【鼠牙雀角李大師】
許文德醫師 890926
「誰謂雀無角,何以穿我屋?誰謂鼠無牙,何以穿我墉?誰謂女無家?何以速我訟?雖速我訟,亦不女從。」詩經上這段話,描述的是女性被逼婚不從,不得不步上訴訟之途的無奈,詩中無助女子的處境,讓人同情,而逼婚者的嘴臉,作者雖未著墨,惟經由弱女子泣訴的反襯,仍不免令人痛恨、鄙夷,後世據此詩將「鼠牙雀角」引申為強暴侵凌,引發爭訟之謂,如清人李漁的「奪錦樓」第一回,即有「以致爭論不休,驚動官府,把跨鳳乘鸞的美事,反做了鼠牙雀角的訟端」。
如今,戀愛完全自由,婚姻自主成風,以訟逼婚或者因逼婚而興訟的案例已然罕見,但藉興訟牟利或打知名度者,卻仍屢見不鮮,其中最引人注目者,當然非李姓作家莫屬。李氏早年文名頗盛,對台灣民主、人權的進展有其貢獻,加以勤於著述,個人出版品甚豐,不僅擁有大批讀者,還贏得擁護者封以「大師」的美名。可惜,李大師晚近既少見佳作,更漠視素所提倡的民主、人權原則,傾力鼓吹大一統的念頭,一味向壓抑民主、戕害人權的中國政權靠攏,讓世人見識到所謂晚節難保的活生案例,惋惜之外,多少也難免浪擲崇拜、受騙經年之慨。
當今的李大師不僅言論違背素昔的主張,舉止更是乖違常情,如總統大選中既已登記為候選人,卻不為自己拉票,反一逕幫操守嚴重受人質疑的候選人助選,知識分子的風骨近乎蕩然,大選中遭人徹底看破手腳,總算在選後鎮定了一陣子。然大師終究守不住寂寥,選後未久即復出在電視台主持節目,惟談的既不是專擅的歷史或政治,也非振聾發聵的執經問難,而是少男少女才可能注意的膚淺話題,諸如處女膜的有無,或陰莖的尺寸等等,這些話題若出諸性教育的觀點,透過科學可信的角度來談,諒或值得肯定,但大師的節目不僅內容低俗,言談更是玩笑輕浮,收視率欠佳自非意外,大師想亦心急如焚,而急思振作。

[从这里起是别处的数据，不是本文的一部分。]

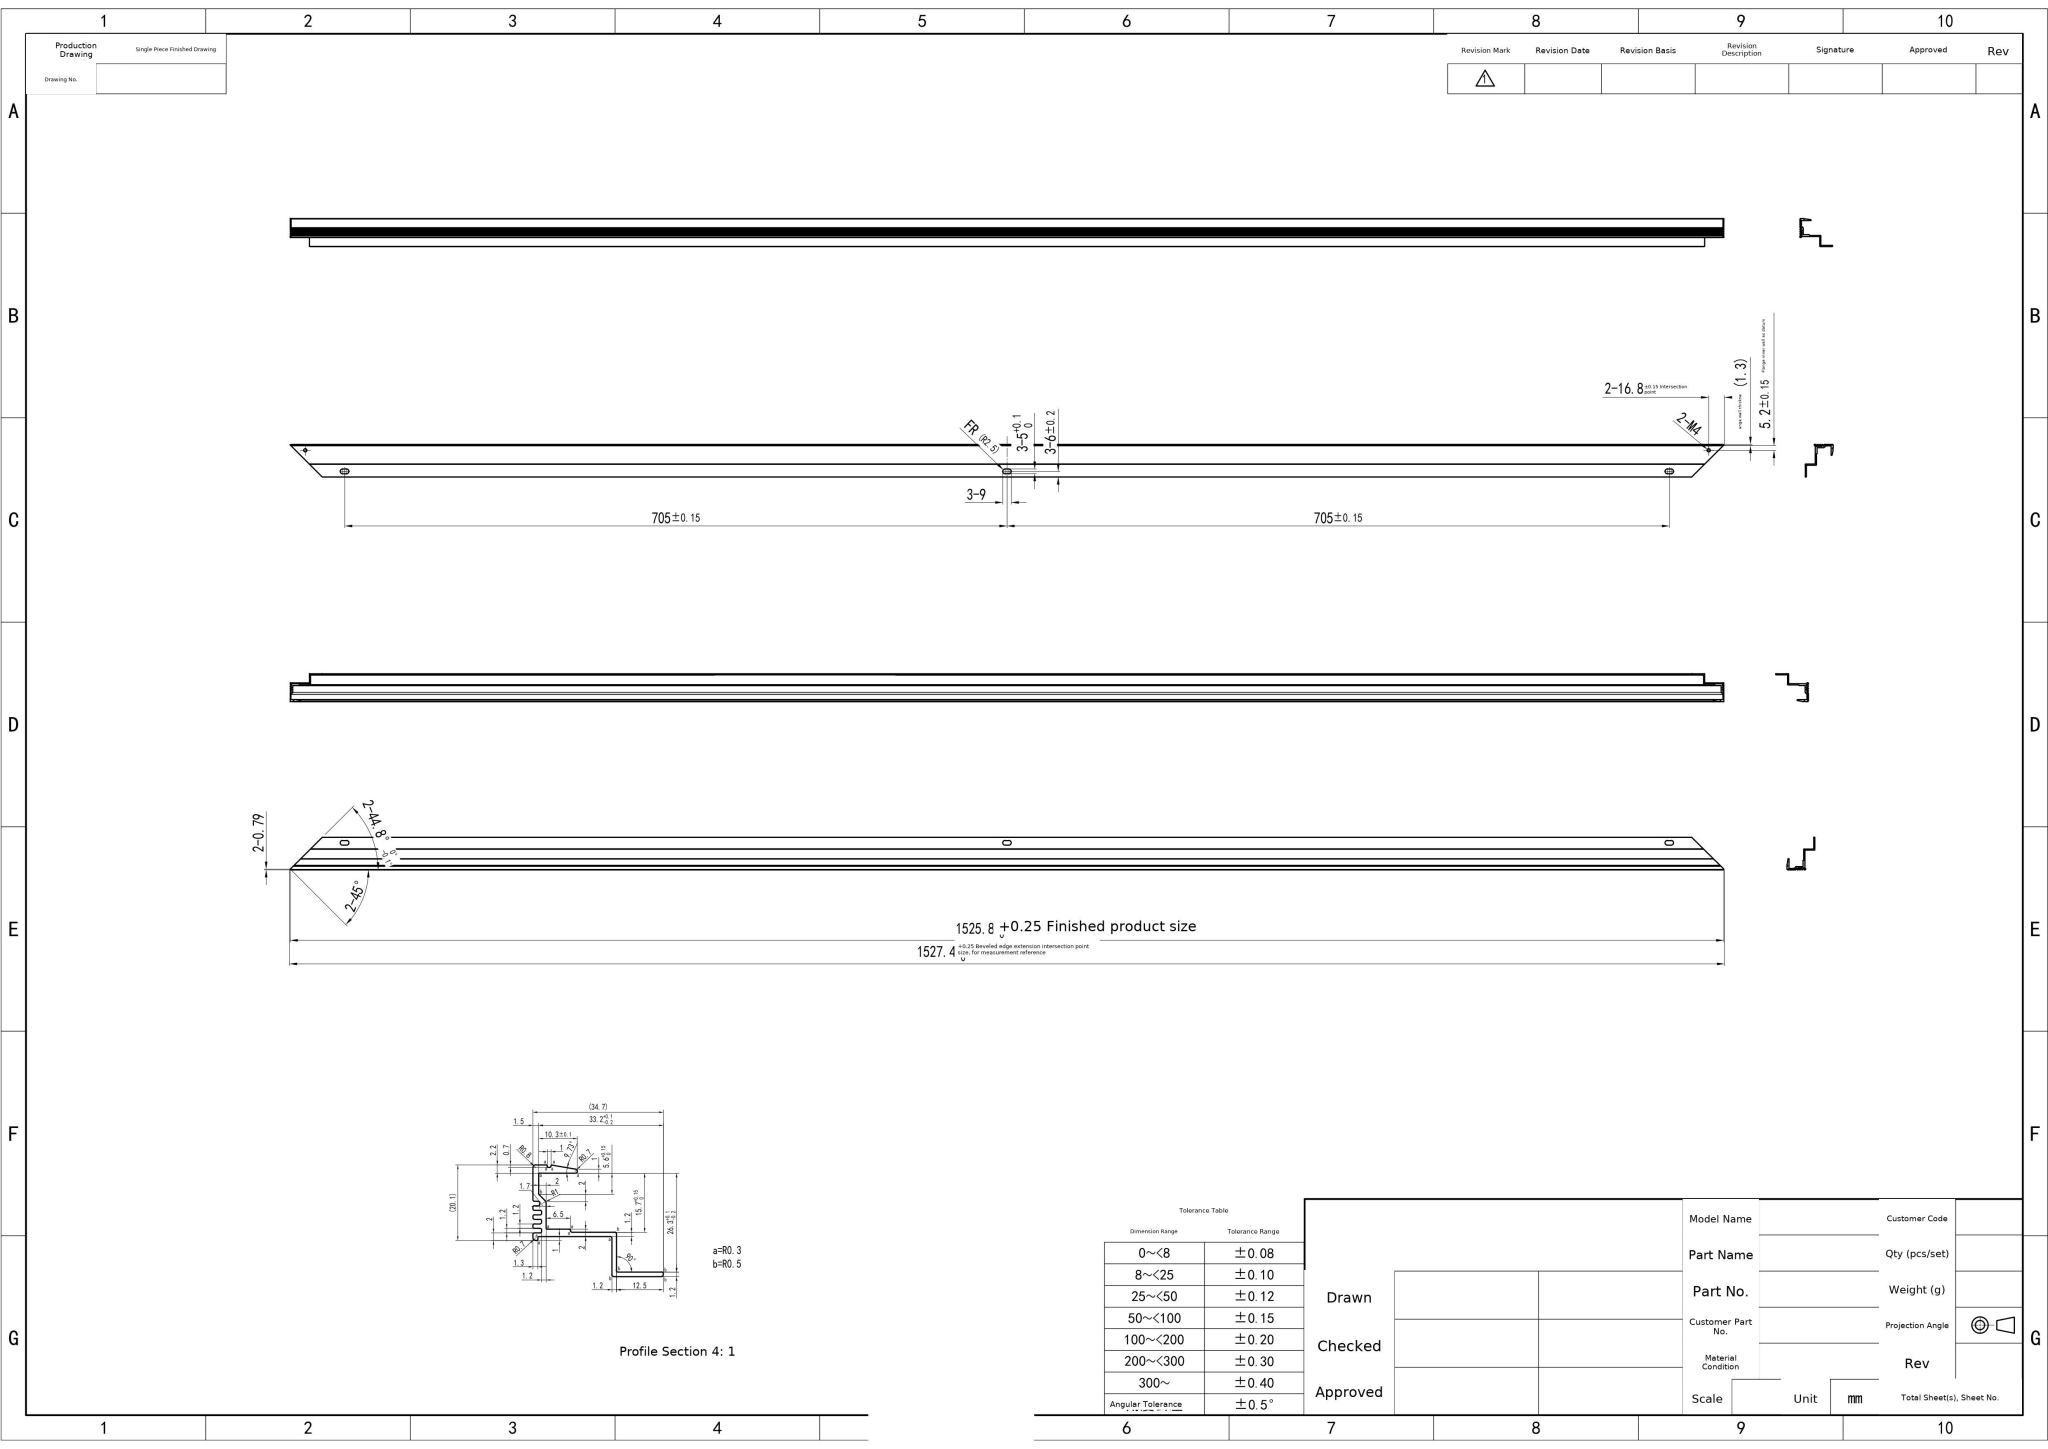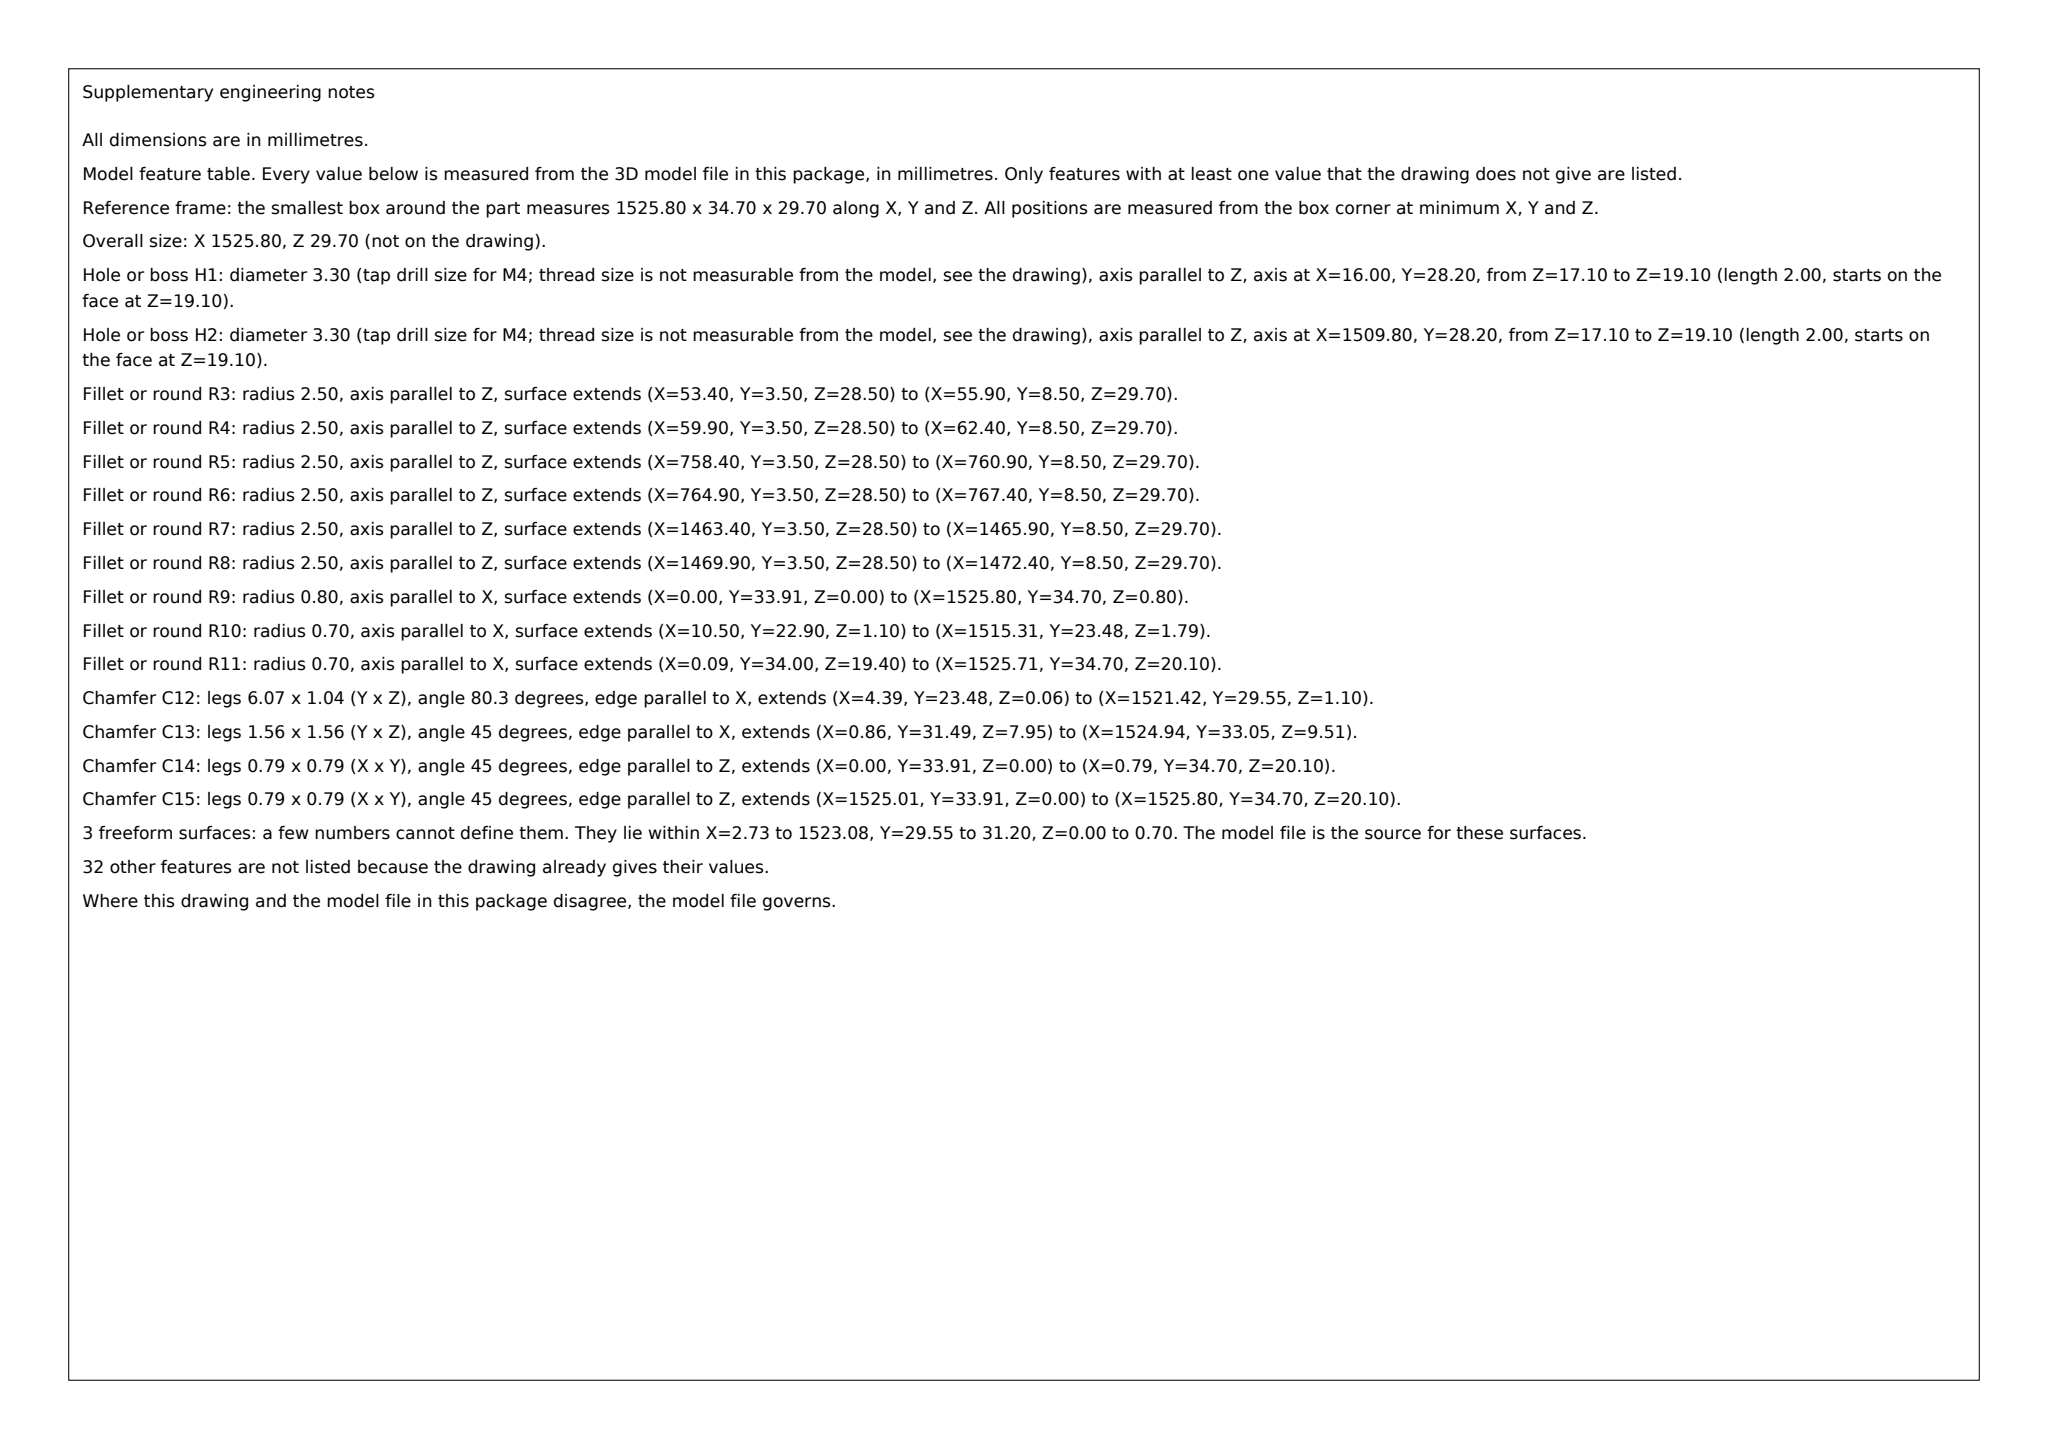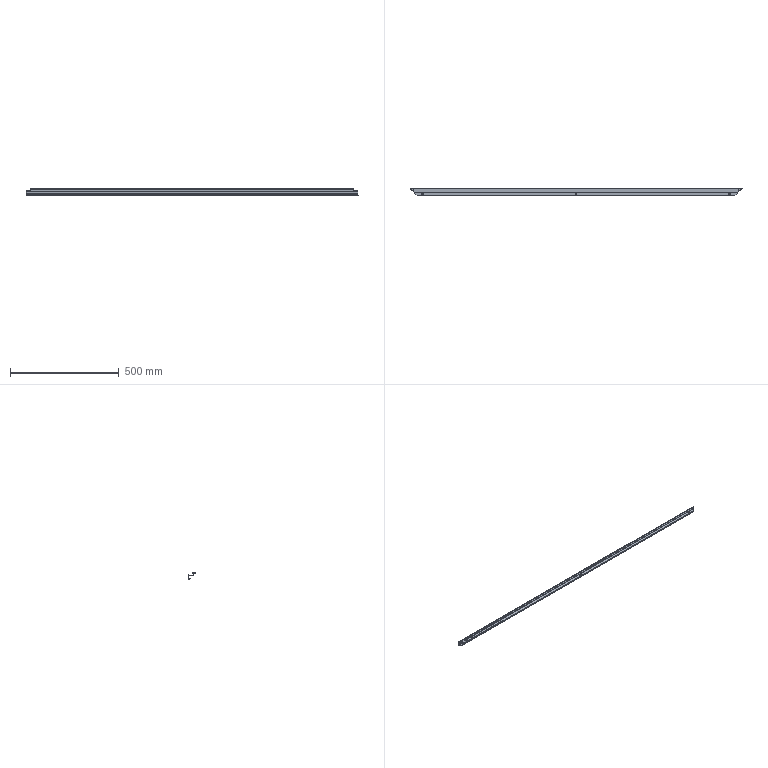Part | SolidWorks | mm | 1 solid | 106 faces | box 1525.8 x 34.7 x 29.7 mm | volume 169684 mm3 | plane 55 | cylinder 48 | spline 3 | commonest cylinder face diameters 0.8 x16 5 x9 0.6 x9 1 x6 3.3 x4 1.4 x2 1.6 x1 2 x1

但事有本末,豈可便宜行事?大師若欲振衰起敝,就該對症下藥,從改善節目內容做起,才可能提高收視率,未料,一向好訟成性的李大師卻不此之圖,反倒跑到法院告起卸任的前總統來,意圖藉此吸引媒體的關注,重振知名度的用心昭然若揭,但此舉無異飲鴆止渴,怎麼可能有所助益?大師對前總統的指控,不僅內容了無新意,指控的事項,顯然也都經不起嚴格的司法查證,可以預見,這一切終歸只是鬧劇一場,但司法尊嚴竟被此等過氣文人任意操弄,卸任元首竟遭此黑白顛倒的指控,孰可忍?實不可忍!卻又何奈?
身為鬧劇的旁觀者,既同情卸任總統的處境,更痛恨無行文人的興風作浪,惟司法獨立,訴訟自由的台灣,類此事例其實也不止一端,好訟者更不獨李大師一人,除了企盼新政府速就興訟要件嚴加設限,裨濫訟之舉不復發生,好訟之徒不再得逞之外,也只能靜觀其變,坐待司法審決。至於李大師,既然活在辱罵現任總統也無事的民主社會,無端興訟告「卸任總統」又有何神勇可言?大師當年既不敢出面控告兩位蔣總統,而未能成為殉道的烈士,則今日至少也該珍惜晚節,切勿不甘寂寞,又弄不出新鮮花樣來,落得以門外漢的水準,或談論無關緊要的生殖器尺寸,或重提少男少女們早已無所謂的處女膜,讓人既為大師「活得越久,醜態越多」而大感惋惜,也提醒大家,千萬要以大師為鑒,慎勿重蹈老不休的覆轍,則耐心忍性看大師的拖棚歹戲,總算還能獲得一點啟示。